The Official Beer of Boise Trails

10 Questions with Boise Trails: Brad Wilson


By: Kate Watson

For the “10 Questions” series, we’re interviewing local trail folks—trail users, community leaders, company owners—with the same 10 questions about everything from trails to gear to grub.

For this edition of 10 Questions with Boise Trails, we spoke with Brad Wilson, general manager of Bogus Basin Mountain Recreation Area. Brad has been in the trail business for over 30 years–meaning ski trails and mountain bike trails. He joined Bogus Basin three years ago after working at a variety of ski areas across the country, most recently Diamond Peak Ski Resort at Lake Tahoe. Prior to moving to Boise he’d only visited friends here once, and when he heard about the job opening he came again to ski Bogus the winter of 2014-2015. “It was a terrible winter, but I still came up to ski and I saw the mountain,” he said. “This community is something special and to have the opportunity to enhance an asset of the community is pretty dang cool.”

Q: Who are you/tell us a bit about yourself

A: I’m the general manager of Bogus Basin–it will be three years in November. I started mountain biking back in nearly the beginning of mountain biking in 1986 and I’ve lived in the mountains ever since. I’ve also worked at ski areas since 1986 (except for a seven-year hiatus on Catalina Island for experience in the hospitality industry). As I moved up the ladder, so to speak, I’ve travelled around to work at different ski areas, including Vermont, Utah and at Lake Tahoe. The first real work I did with mountain biking was in 1988 with ski areas for special events and now I’ve done everything from mountain bike festivals to races. Even on Catalina Island, I set up a Gran Fondo mountain bike event, and it’s still going. And while I worked at Brian Head Resort in Utah in the mid-1990s, we set up their whole mountain bike program. We had shuttles, built quite a few more trails and created a very robust program, which continues to flourish.
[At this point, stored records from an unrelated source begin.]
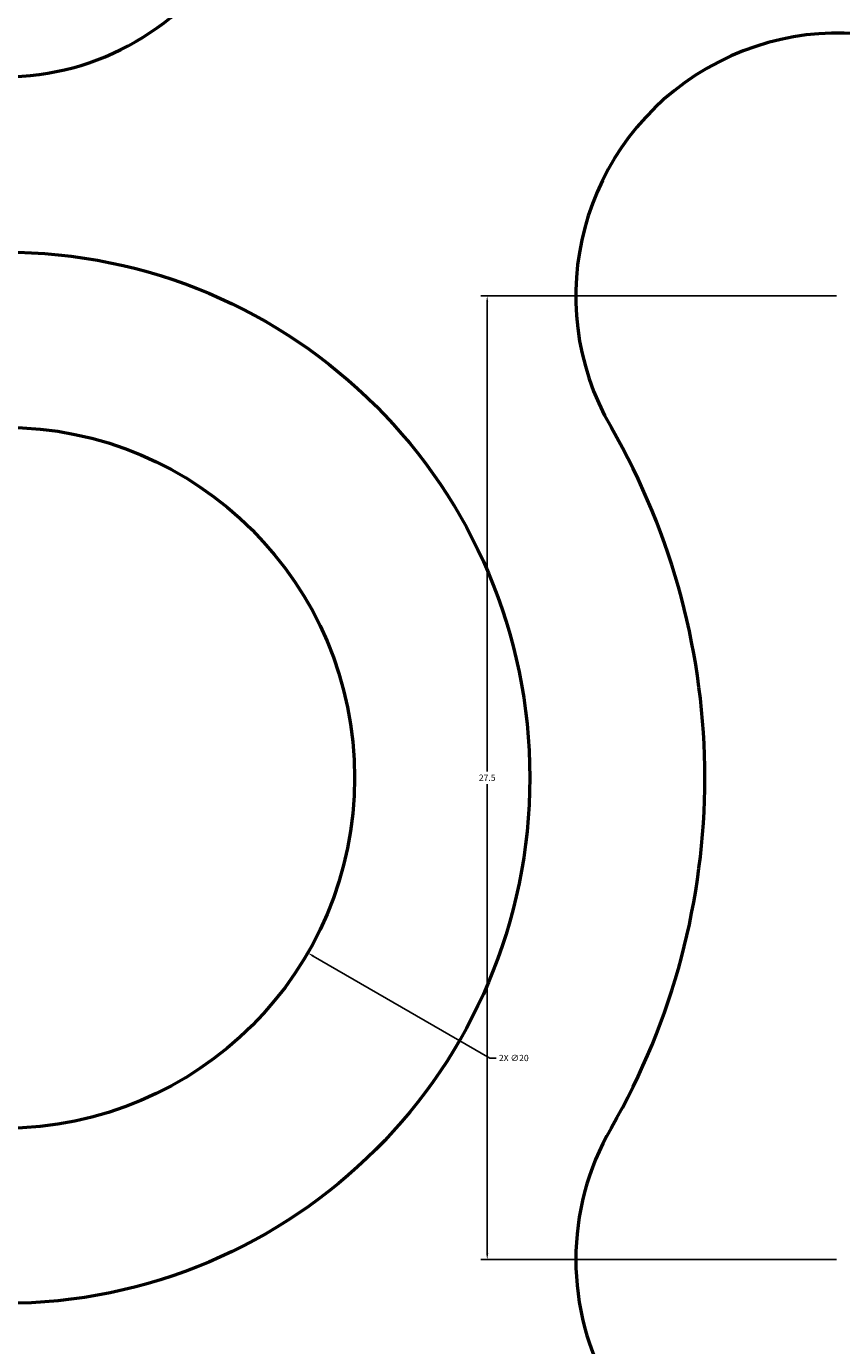
# Model space of a CAD drawing. Units: inches. Extents: x 413 to 622, y 326 to 447.
# Tile 5 of 15: x 473 to 497, y 370 to 408. Entities that reach past the tile are written whole.
import ezdxf

# ---------------------------------------------------------------- set-up
doc = ezdxf.new("R2010")
doc.units = ezdxf.units.IN
doc.header["$MEASUREMENT"] = 0
doc.layers.add('M-DIMS', color=2, linetype='Continuous', lineweight=18)
doc.layers.add('M-OUTL', color=7, linetype='Continuous', lineweight=50)
doc.styles.get("Standard").update_dxf_attribs({"font": 'arial.ttf'})
doc.dimstyles.get("Standard").update_dxf_attribs({"dimtxt": 0.18, "dimasz": 0.18, "dimexe": 0.18, "dimexo": 0.0625, "dimgap": 0.09, "dimtad": 0, "dimtih": 1, "dimtoh": 1, "dimdec": 4, "dimzin": 0, "dimdsep": 46, "dimtxsty": 'Standard', "dimcen": 0.09, "dimadec": 0, "dimazin": 0, "dimtfac": 1, "dimtdec": 4, "dimtofl": 0, "dimtmove": 0, "dimatfit": 3, "dimfxl": 1, "dimtolj": 1, "dimtzin": 0, "dimarcsym": 0})

# ---------------------------------------------------------------- blocks, each defined once
blk = doc.blocks.new('SPROCKET-HUB-BORE')
for radius in [15, 10]:
    blk.add_circle((15, 15), radius)
blk = doc.blocks.new('SPROCKET-WEB-SLOT')
for centre, radius, start, end in [((7.501, 21.25), 7.5, 30, 210), ((31.317, 35), 20, 210, 270), ((31.317, 35), 35, 210, 270), ((31.317, 7.5), 7.5, 270, 90)]:
    blk.add_arc(centre, radius, start, end)
blk = doc.blocks.new('*D11')
at = {"layer": 'Defpoints', "color": 0, "transparency": 16777216}
for p in [(621.66, 446.422), (621.66, 388.074), (423.314, 378.888)]:
    blk.add_point(p, dxfattribs=at)
at = {"layer": 'M-DIMS', "color": 0, "lineweight": -2, "transparency": 16777216}
for p, q in [((423.314, 378.95), (423.314, 446.602)), ((621.66, 388.137), (621.66, 446.602)), ((423.494, 446.422), (522.031, 446.422)), ((621.48, 446.422), (522.943, 446.422))]:
    blk.add_line(p, q, dxfattribs=at)
at = {"layer": 'M-DIMS', "color": 0, "transparency": 16777216}
for points in [[(423.494, 446.452), (423.494, 446.392), (423.314, 446.422)], [(621.48, 446.452), (621.48, 446.392), (621.66, 446.422)]]:
    blk.add_solid(points, dxfattribs=at)
at = {"layer": 'M-DIMS', "color": 0, "transparency": 16777216, "insert": (522.487, 446.422), "char_height": 0.18, "attachment_point": 5}
blk.add_mtext('\\A1;198.35', dxfattribs=at)
blk = doc.blocks.new('*D12')
at = {"layer": 'Defpoints', "color": 0, "transparency": 16777216}
for p in [(472.684, 386.392), (592.684, 386.392), (592.684, 326.361)]:
    blk.add_point(p, dxfattribs=at)
at = {"layer": 'M-DIMS', "color": 0, "lineweight": -2, "transparency": 16777216}
for p, q in [((472.684, 386.329), (472.684, 326.181)), ((592.684, 386.329), (592.684, 326.181)), ((472.864, 326.361), (532.404, 326.361)), ((592.504, 326.361), (532.964, 326.361))]:
    blk.add_line(p, q, dxfattribs=at)
at = {"layer": 'M-DIMS', "color": 0, "transparency": 16777216}
for points in [[(472.864, 326.391), (472.864, 326.331), (472.684, 326.361)], [(592.504, 326.391), (592.504, 326.331), (592.684, 326.361)]]:
    blk.add_solid(points, dxfattribs=at)
at = {"layer": 'M-DIMS', "color": 0, "transparency": 16777216, "insert": (532.684, 326.361), "char_height": 0.18, "attachment_point": 5}
blk.add_mtext('\\A1;120', dxfattribs=at)
blk = doc.blocks.new('*D14')
at = {"layer": 'Defpoints', "color": 0, "transparency": 16777216}
for p in [(486.469, 400.142), (496.499, 400.142), (496.499, 372.642)]:
    blk.add_point(p, dxfattribs=at)
at = {"layer": 'M-DIMS', "color": 0, "lineweight": -2, "transparency": 16777216}
for p, q in [((496.437, 400.142), (486.289, 400.142)), ((486.469, 399.962), (486.469, 386.573)), ((486.469, 372.822), (486.469, 386.21)), ((496.437, 372.642), (486.289, 372.642))]:
    blk.add_line(p, q, dxfattribs=at)
at = {"layer": 'M-DIMS', "color": 0, "transparency": 16777216}
for points in [[(486.439, 399.962), (486.499, 399.962), (486.469, 400.142)], [(486.439, 372.822), (486.499, 372.822), (486.469, 372.642)]]:
    blk.add_solid(points, dxfattribs=at)
at = {"layer": 'M-DIMS', "color": 0, "transparency": 16777216, "insert": (486.469, 386.392), "char_height": 0.18, "attachment_point": 5}
blk.add_mtext('\\A1;27.5', dxfattribs=at)
blk = doc.blocks.new('*D24')
at = {"layer": 'Defpoints', "color": 0, "transparency": 16777216}
for p in [(432.684, 386.391), (512.684, 386.392)]:
    blk.add_point(p, dxfattribs=at)
at = {"layer": 'M-DIMS', "color": 0, "lineweight": -2, "transparency": 16777216}
for p, q in [((472.594, 386.392), (472.774, 386.392)), ((472.684, 386.302), (472.684, 386.482)), ((536.684, 386.392), (512.864, 386.392))]:
    blk.add_line(p, q, dxfattribs=at)
at = {"layer": 'M-DIMS', "color": 0, "transparency": 16777216}
blk.add_solid([(512.864, 386.422), (512.864, 386.362), (512.684, 386.392)], dxfattribs=at)
at = {"layer": 'M-DIMS', "color": 0, "transparency": 16777216, "insert": (537, 386.392), "char_height": 0.18, "attachment_point": 5}
blk.add_mtext('\\A1;∅80', dxfattribs=at)
blk = doc.blocks.new('*D26')
at = {"layer": 'Defpoints', "color": 0, "transparency": 16777216}
for p in [(459.693, 393.89), (485.675, 378.893)]:
    blk.add_point(p, dxfattribs=at)
at = {"layer": 'M-DIMS', "color": 0, "lineweight": -2, "transparency": 16777216}
for p, q in [((451.718, 398.39), (451.898, 398.39)), ((451.898, 398.39), (459.537, 393.98)), ((472.594, 386.392), (472.774, 386.392)), ((472.684, 386.302), (472.684, 386.482))]:
    blk.add_line(p, q, dxfattribs=at)
at = {"layer": 'M-DIMS', "color": 0, "transparency": 16777216}
blk.add_solid([(459.552, 394.006), (459.522, 393.954), (459.693, 393.89)], dxfattribs=at)
at = {"layer": 'M-DIMS', "color": 0, "transparency": 16777216, "insert": (451.211, 398.39), "char_height": 0.18, "attachment_point": 5}
blk.add_mtext('\\A1;2X ∅30', dxfattribs=at)
blk = doc.blocks.new('*D27')
at = {"layer": 'Defpoints', "color": 0, "transparency": 16777216}
for p in [(464.022, 391.39), (481.345, 381.393)]:
    blk.add_point(p, dxfattribs=at)
at = {"layer": 'M-DIMS', "color": 0, "lineweight": -2, "transparency": 16777216}
for p, q in [((472.594, 386.392), (472.774, 386.392)), ((472.684, 386.302), (472.684, 386.482)), ((486.542, 378.394), (481.501, 381.303)), ((486.722, 378.394), (486.542, 378.394))]:
    blk.add_line(p, q, dxfattribs=at)
at = {"layer": 'M-DIMS', "color": 0, "transparency": 16777216}
blk.add_solid([(481.516, 381.329), (481.486, 381.277), (481.345, 381.393)], dxfattribs=at)
at = {"layer": 'M-DIMS', "color": 0, "transparency": 16777216, "insert": (487.228, 378.394), "char_height": 0.18, "attachment_point": 5}
blk.add_mtext('\\A1;2X ∅20', dxfattribs=at)

msp = doc.modelspace()

# ---------------------------------------------------------------- linework, layer by layer
at = {"layer": 'M-OUTL'}
msp.add_circle((472.6836, 386.3915), 40, dxfattribs=at)

# ---------------------------------------------------------------- block references
for p, rotation in [((458.0314, 431.0122), 239.9999999999996), ((518.6523, 376.7703), 119.9999999999996)]:
    msp.add_blockref('SPROCKET-WEB-SLOT', p, dxfattribs=dict(at, rotation=rotation))
for name, p in [('SPROCKET-HUB-BORE', (457.684, 371.392)), ('SPROCKET-WEB-SLOT', (441.367, 351.392))]:
    msp.add_blockref(name, p, dxfattribs=at)

# ---------------------------------------------------------------- dimensions: what is measured, and where the dimension line sits
at = {"layer": 'M-DIMS'}
for base, p1, p2, override, picture, middle in [((621.66, 446.422), (423.3136, 378.8878), (621.66, 388.0741), {"dimdec": 2, "dimlfac": 1, "dimrnd": 0, "dimzin": 0, "dimdsep": 46, "dimlunit": 2}, '*D11', (522.4868, 446.422)), ((592.6836, 326.361), (472.6836, 386.3915), (592.6836, 386.3915), {"dimdec": 0, "dimlfac": 1, "dimrnd": 0, "dimzin": 0, "dimdsep": 46, "dimlunit": 2}, '*D12', (532.6836, 326.361))]:
    dim = msp.add_linear_dim(base=base, p1=p1, p2=p2, dimstyle='Standard', override=override, dxfattribs=at)
    dim.commit()
    dim.dimension.update_dxf_attribs({"geometry": picture, "text_midpoint": middle})
dim = msp.add_linear_dim(base=(486.4688, 400.1415), p1=(496.4993, 372.6415), p2=(496.4993, 400.1415), angle=90, dimstyle='Standard', override={"dimdec": 1, "dimlfac": 1, "dimrnd": 0, "dimzin": 0, "dimdsep": 46, "dimlunit": 2}, dxfattribs=at)
dim.commit()
dim.dimension.update_dxf_attribs({"geometry": '*D14', "text_midpoint": (486.4688, 386.3915)})
for p1, p2, picture, middle in [((485.6746, 378.8925), (459.6926, 393.8905), '*D26', (451.2114, 398.3899)), ((464.0223, 391.3898), (481.3448, 381.3932), '*D27', (487.2283, 378.3943))]:
    dim = msp.add_diameter_dim_2p(p1=p1, p2=p2, text='2X <>', dimstyle='Standard', override={"dimdec": 0, "dimlfac": 1, "dimrnd": 0, "dimzin": 0, "dimdsep": 46, "dimlunit": 2}, dxfattribs=at)
    dim.commit()
    dim.dimension.update_dxf_attribs({"geometry": picture, "text_midpoint": middle, "dimtype": 163})
dim = msp.add_diameter_dim_2p(p1=(432.6836, 386.391), p2=(512.6836, 386.392), dimstyle='Standard', override={"dimdec": 0, "dimlfac": 1, "dimrnd": 0, "dimzin": 0, "dimdsep": 46, "dimlunit": 2}, dxfattribs=at)
dim.commit()
dim.dimension.update_dxf_attribs({"geometry": '*D24', "text_midpoint": (536.6836, 386.3923), "dimtype": 163})

doc.saveas('drawing.dxf')

Brad catching what he called OMA (“Old Man Air) on Berm Baby Berm

Q:  How did you get involved with Bogus Basin?

A: I moved here from Lake Tahoe for the job. My best friend lives here, and I’d been to Boise once before. This job has been the highlight of my career.

In terms of trails, we are all in for mountain biking. We want to create the same type of environment that we have in the winter at Bogus Basin in the summer. I can see doing a ten-mile lap on Around The Mountain and then lapping the lift a few times and coming in to get a hamburger and your favorite adult beverage.

Bermin at Bogus.

Bogus Basin manages a number of trails, both trails that we own and trails we share with Ridge to Rivers. Originally when I came on, Ridge to Rivers still maintained and managed the trails that they built in the area, like Around the Mountain, Deer Point, and Morningstar. As mountain biking has become more popular at Bogus and we started opening lifts for bikes, we hired a full-time trail crew and now maintain all those trails throughout the season. Ridge to Rivers still comes in to do the major maintenance in the early and late season, and we work very closely with them and see them as a huge asset to the community.

Subsequently we have built several trails that we maintain completely: Berm Baby Berm and a new green flow trail, yet to be named, that should be opened pretty soon. The new trail has a broader bandwidth than Berm Baby Berm–it’s not quite as steep and the berms are not quite as large. The trail requires less braking and a little less speed, and thus is built for people who aren’t as experienced. But stronger riders will have an absolute blast on the trail–they’ll just turn up the heat a little bit. At end of that trail, we have a more intermediate section that will go a mile further.

And we’re in the process of building more. Two years ago we hired Trail Solutions, which is an offshoot of IMBA, to come out along with SE Group, who do resort planning, to help us identify a trails master plan. We also invited pretty much anybody involved in mountain biking, like BAMBA, SWIMBA, and  bike shop operators for a collaborative session to discuss what the community thought should be next steps in mountain biking. We went out and walked the mountain, talked about what the trails should look like, and developed a master plan which identifies about 22 new trails on Bogus Basin property or in our Forest Service permit area. So, that’s how they’re determining what we want to build.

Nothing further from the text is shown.